Critical Moments and Results-Based Management Thinking

Results-based management guides all management activities towards the ultimate achievement of the results defined at the base

The main objective of this short essay is to explore the basic concepts and approaches of the results-based management system (RBM). I also want to discuss its uses in development results, the challenges of results-based management systems, and its impact on outputs and outcomes.

It is essential to assess efficiency and effectiveness through organizational learning, accountability and performance monitoring and evaluation in this context. Although results-based management is an aspect of new public management, many different terms are often used when searching for RBM. The equivalents of the same model found in the literature are results-based management, performance management, rational management, development cooperation and the effects of management practices. However, here RBM will be used for the sake of simplicity.

The heart of the process

RBM emphasizes the importance of defining expected results with the participation of key stakeholders, assessing the risks that may hinder the expected results, monitoring programs designed to achieve these results through the use of appropriate indicators that report on performance. A “results chain” is at the heart of this process: human and financial resources (inputs) generate activities that produce short-term results (outputs), as well as medium-term, at the end of the project, in the long term ( outcomes); and long term (impacts).

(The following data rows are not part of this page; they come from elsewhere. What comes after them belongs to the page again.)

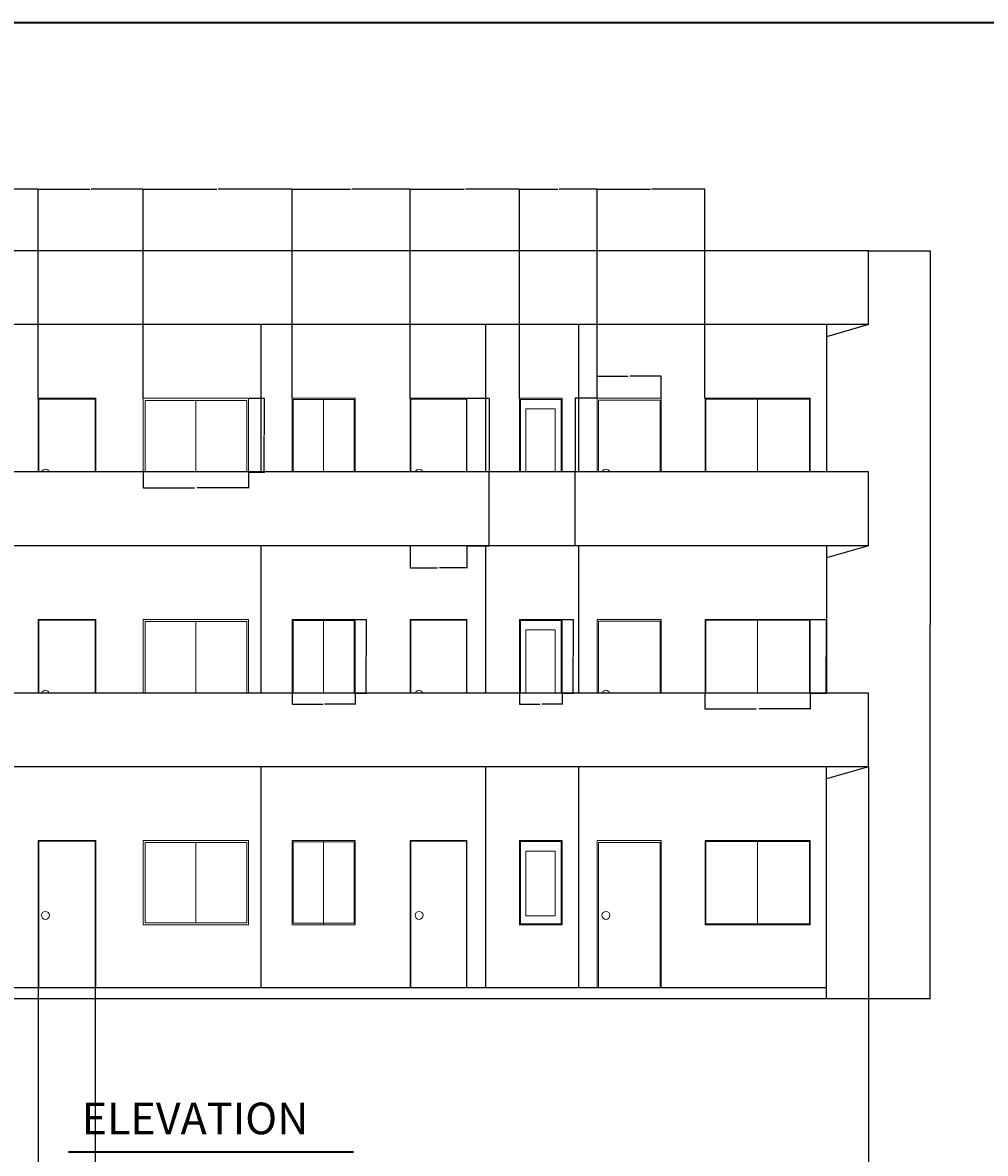
# Model space of a CAD drawing. Units: inches. Extents: x 1520 to 3401, y 1570 to 3432.
# Tile 9 of 15: x 1886 to 2435, y 2787 to 3432. Entities that reach past the tile are written whole.
import ezdxf

# ---------------------------------------------------------------- set-up
doc = ezdxf.new("R2010")
doc.units = ezdxf.units.IN
for name, color, linetype, lineweight in [('A-ANNO-DIMS', 2, 'Continuous', 18), ('A-ANNO-TITL', 7, 'Continuous', 35), ('A-ANNO-TTLB', 7, 'Continuous', 35), ('A-ELEV', 7, 'Continuous', 25), ('A-ELEV-DOOR', 3, 'Continuous', 18), ('A-ELEV-GLAZ', 4, 'Continuous', 18)]:
    doc.layers.add(name, color=color, linetype=linetype, lineweight=lineweight)
doc.styles.get("Standard").update_dxf_attribs({"font": 'arial.ttf'})
doc.dimstyles.get("Standard").update_dxf_attribs({"dimtxt": 0.18, "dimasz": 0.18, "dimexe": 0.18, "dimexo": 0.0625, "dimgap": 0.09, "dimtad": 0, "dimtih": 1, "dimtoh": 1, "dimdec": 4, "dimzin": 0, "dimdsep": 46, "dimtxsty": 'Standard', "dimcen": 0.09, "dimadec": 0, "dimazin": 0, "dimtfac": 1, "dimtdec": 4, "dimtofl": 0, "dimtmove": 0, "dimatfit": 3, "dimfxl": 1, "dimtolj": 1, "dimtzin": 0, "dimarcsym": 0})

# ---------------------------------------------------------------- blocks, each defined once
blk = doc.blocks.new('WIN-ELEV-04')
for p, q in [((0, 42), (0, 0)), ((60, 42), (0, 42)), ((0, 42), (0, 0)), ((60, 42), (0, 42)), ((30.07, 40.77), (30.07, 0)), ((60, 42), (60, 0)), ((60, 42), (60, 0))]:
    blk.add_line(p, q)
blk.add_lwpolyline([(1.08, 0), (1.08, 40.77), (59.06, 40.77), (59.06, 0)])
blk = doc.blocks.new('WIN-ELEV-05')
for p, q in [((0, 42), (0, 0)), ((36, 42), (0, 42)), ((0, 42), (0, 0)), ((36, 42), (0, 42)), ((17.94, 41.31), (17.94, 0)), ((36, 42), (36, 0)), ((36, 42), (36, 0))]:
    blk.add_line(p, q)
blk.add_lwpolyline([(0.56, 0), (0.56, 41.31), (35.32, 41.31), (35.32, 0)])
blk = doc.blocks.new('DOOR-ELEV-06')
for p, q in [((0, 84), (0, 42)), ((32.37, 84), (0, 84)), ((0, 84), (0, 42)), ((32.37, 84), (0, 84)), ((32.37, 84), (32.37, 42)), ((32.37, 84), (32.37, 42))]:
    blk.add_line(p, q)
for points in [[(0.35, 42), (0.35, 83.54), (32.06, 83.54), (32.06, 42)], [(32.06, 0), (32.06, 0), (0.35, 0)]]:
    blk.add_lwpolyline(points)
blk.add_arc((5.09, 41.3), 2.29, 17.89125, 162.10875)
blk = doc.blocks.new('WIN-ELEV-07')
for p, q in [((0, 42), (0, 0)), ((24.27, 42), (0, 42)), ((0, 42), (0, 0)), ((24.27, 42), (0, 42)), ((24.27, 42), (24.27, 0)), ((24.27, 42), (24.27, 0))]:
    blk.add_line(p, q)
for points in [[(0.51, 0), (0.51, 41.4), (23.72, 41.4), (23.72, 0)], [(3.54, 0), (3.54, 35.97), (20.19, 35.97), (20.19, 0)]]:
    blk.add_lwpolyline(points)
blk = doc.blocks.new('DOOR-ELEV-08')
for p, q in [((0, 84), (0, 42)), ((36.5, 84), (0, 84)), ((0, 84), (0, 42)), ((36.5, 84), (0, 84)), ((36.5, 84), (36.5, 42)), ((36.5, 84), (36.5, 42))]:
    blk.add_line(p, q)
for points in [[(0.75, 42), (0.75, 82.91), (35.79, 82.91), (35.79, 42)], [(35.79, 0), (0.75, 0)]]:
    blk.add_lwpolyline(points)
blk.add_arc((4.97, 41.3), 2.29, 17.89125, 162.10875)
blk = doc.blocks.new('WIN-ELEV-09')
for p, q in [((0, 42), (0, 0)), ((60, 42), (0, 42)), ((0, 42), (0, 0)), ((60, 42), (0, 42)), ((29.97, 41.48), (29.97, 0)), ((60, 42), (60, 0)), ((60, 42), (60, 0))]:
    blk.add_line(p, q)
blk.add_lwpolyline([(0.4, 0), (0.4, 41.48), (59.53, 41.48), (59.53, 0)])
blk = doc.blocks.new('*D161')
at = {"layer": 'A-ANNO-DIMS', "color": 0, "lineweight": -2, "transparency": 16777216}
for p, q in [((1954.64, 3175.57), (1954.64, 3166.45)), ((2014.64, 3175.57), (2014.64, 3166.45)), ((1954.82, 3166.63), (1983.81, 3166.63)), ((2014.46, 3166.63), (1985.47, 3166.63))]:
    blk.add_line(p, q, dxfattribs=at)
at = {"layer": 'A-ANNO-DIMS', "color": 0, "transparency": 16777216}
for points in [[(1954.82, 3166.66), (1954.82, 3166.6), (1954.64, 3166.63)], [(2014.46, 3166.66), (2014.46, 3166.6), (2014.64, 3166.63)]]:
    blk.add_solid(points, dxfattribs=at)
at = {"layer": 'Defpoints', "color": 0, "transparency": 16777216}
for p in [(1954.64, 3175.63), (2014.64, 3175.63), (2014.64, 3166.63)]:
    blk.add_point(p, dxfattribs=at)
at = {"layer": 'A-ANNO-DIMS', "color": 0, "transparency": 16777216, "insert": (1984.64, 3166.63), "char_height": 0.18, "attachment_point": 5}
blk.add_mtext('\\A1;EW4 60 TYP.', dxfattribs=at)
blk = doc.blocks.new('*D162')
at = {"layer": 'A-ANNO-DIMS', "color": 0, "lineweight": -2, "transparency": 16777216}
for p, q in [((2014.7, 3217.63), (2023.82, 3217.63)), ((2023.64, 3217.45), (2023.64, 3196.81)), ((2023.64, 3175.81), (2023.64, 3196.45)), ((2014.7, 3175.63), (2023.82, 3175.63))]:
    blk.add_line(p, q, dxfattribs=at)
at = {"layer": 'A-ANNO-DIMS', "color": 0, "transparency": 16777216}
for points in [[(2023.61, 3217.45), (2023.67, 3217.45), (2023.64, 3217.63)], [(2023.61, 3175.81), (2023.67, 3175.81), (2023.64, 3175.63)]]:
    blk.add_solid(points, dxfattribs=at)
at = {"layer": 'Defpoints', "color": 0, "transparency": 16777216}
for p in [(2014.64, 3217.63), (2023.64, 3217.63), (2014.64, 3175.63)]:
    blk.add_point(p, dxfattribs=at)
at = {"layer": 'A-ANNO-DIMS', "color": 0, "transparency": 16777216, "insert": (2023.64, 3196.63), "char_height": 0.18, "attachment_point": 5}
blk.add_mtext('\\A1;42 TYP.', dxfattribs=at)
blk = doc.blocks.new('*D163')
at = {"layer": 'A-ANNO-DIMS', "color": 0, "lineweight": -2, "transparency": 16777216}
for p, q in [((2075.56, 3091.63), (2081.97, 3091.63)), ((2081.79, 3091.45), (2081.79, 3070.81)), ((2081.79, 3049.81), (2081.79, 3070.45)), ((2075.56, 3049.63), (2081.97, 3049.63))]:
    blk.add_line(p, q, dxfattribs=at)
at = {"layer": 'A-ANNO-DIMS', "color": 0, "transparency": 16777216}
for points in [[(2081.76, 3091.45), (2081.82, 3091.45), (2081.79, 3091.63)], [(2081.76, 3049.81), (2081.82, 3049.81), (2081.79, 3049.63)]]:
    blk.add_solid(points, dxfattribs=at)
at = {"layer": 'Defpoints', "color": 0, "transparency": 16777216}
for p in [(2075.49, 3091.63), (2081.79, 3091.63), (2075.49, 3049.63)]:
    blk.add_point(p, dxfattribs=at)
at = {"layer": 'A-ANNO-DIMS', "color": 0, "transparency": 16777216, "insert": (2081.79, 3070.63), "char_height": 0.18, "attachment_point": 5}
blk.add_mtext('\\A1;EW5 42 TYP.', dxfattribs=at)
blk = doc.blocks.new('*D164')
at = {"layer": 'A-ANNO-DIMS', "color": 0, "lineweight": -2, "transparency": 16777216}
for p, q in [((2039.49, 3049.57), (2039.49, 3043.15)), ((2075.49, 3049.57), (2075.49, 3043.15)), ((2039.67, 3043.33), (2056.97, 3043.33)), ((2075.31, 3043.33), (2058.02, 3043.33))]:
    blk.add_line(p, q, dxfattribs=at)
at = {"layer": 'A-ANNO-DIMS', "color": 0, "transparency": 16777216}
for points in [[(2039.67, 3043.36), (2039.67, 3043.3), (2039.49, 3043.33)], [(2075.31, 3043.36), (2075.31, 3043.3), (2075.49, 3043.33)]]:
    blk.add_solid(points, dxfattribs=at)
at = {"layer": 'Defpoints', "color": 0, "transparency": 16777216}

Therefore, results-based management guides all management activities towards the ultimate achievement of fundamentally defined results. It represents a fundamental shift away from previous management approaches dominated by the emphasis on inputs and activities. It is assumed that results would follow if inputs and activities were dynamically appropriately dynamic.

In results-based management, the management functions consist of planning, organizing, directing and controlling, focusing on the achievement of performance objectives. Arif, Jubair and Ahsan (2015) explained that RBM is one of the excellent management systems in which all efforts are focused on achieving optimal results based on standards of good governance. They further pointed out that the RBM framework leads to better conclusions than the current monitoring practice carried out in the public sectors. The RBM framework directly monitors the project objective, which is consistent with the assessment of the long-term objective.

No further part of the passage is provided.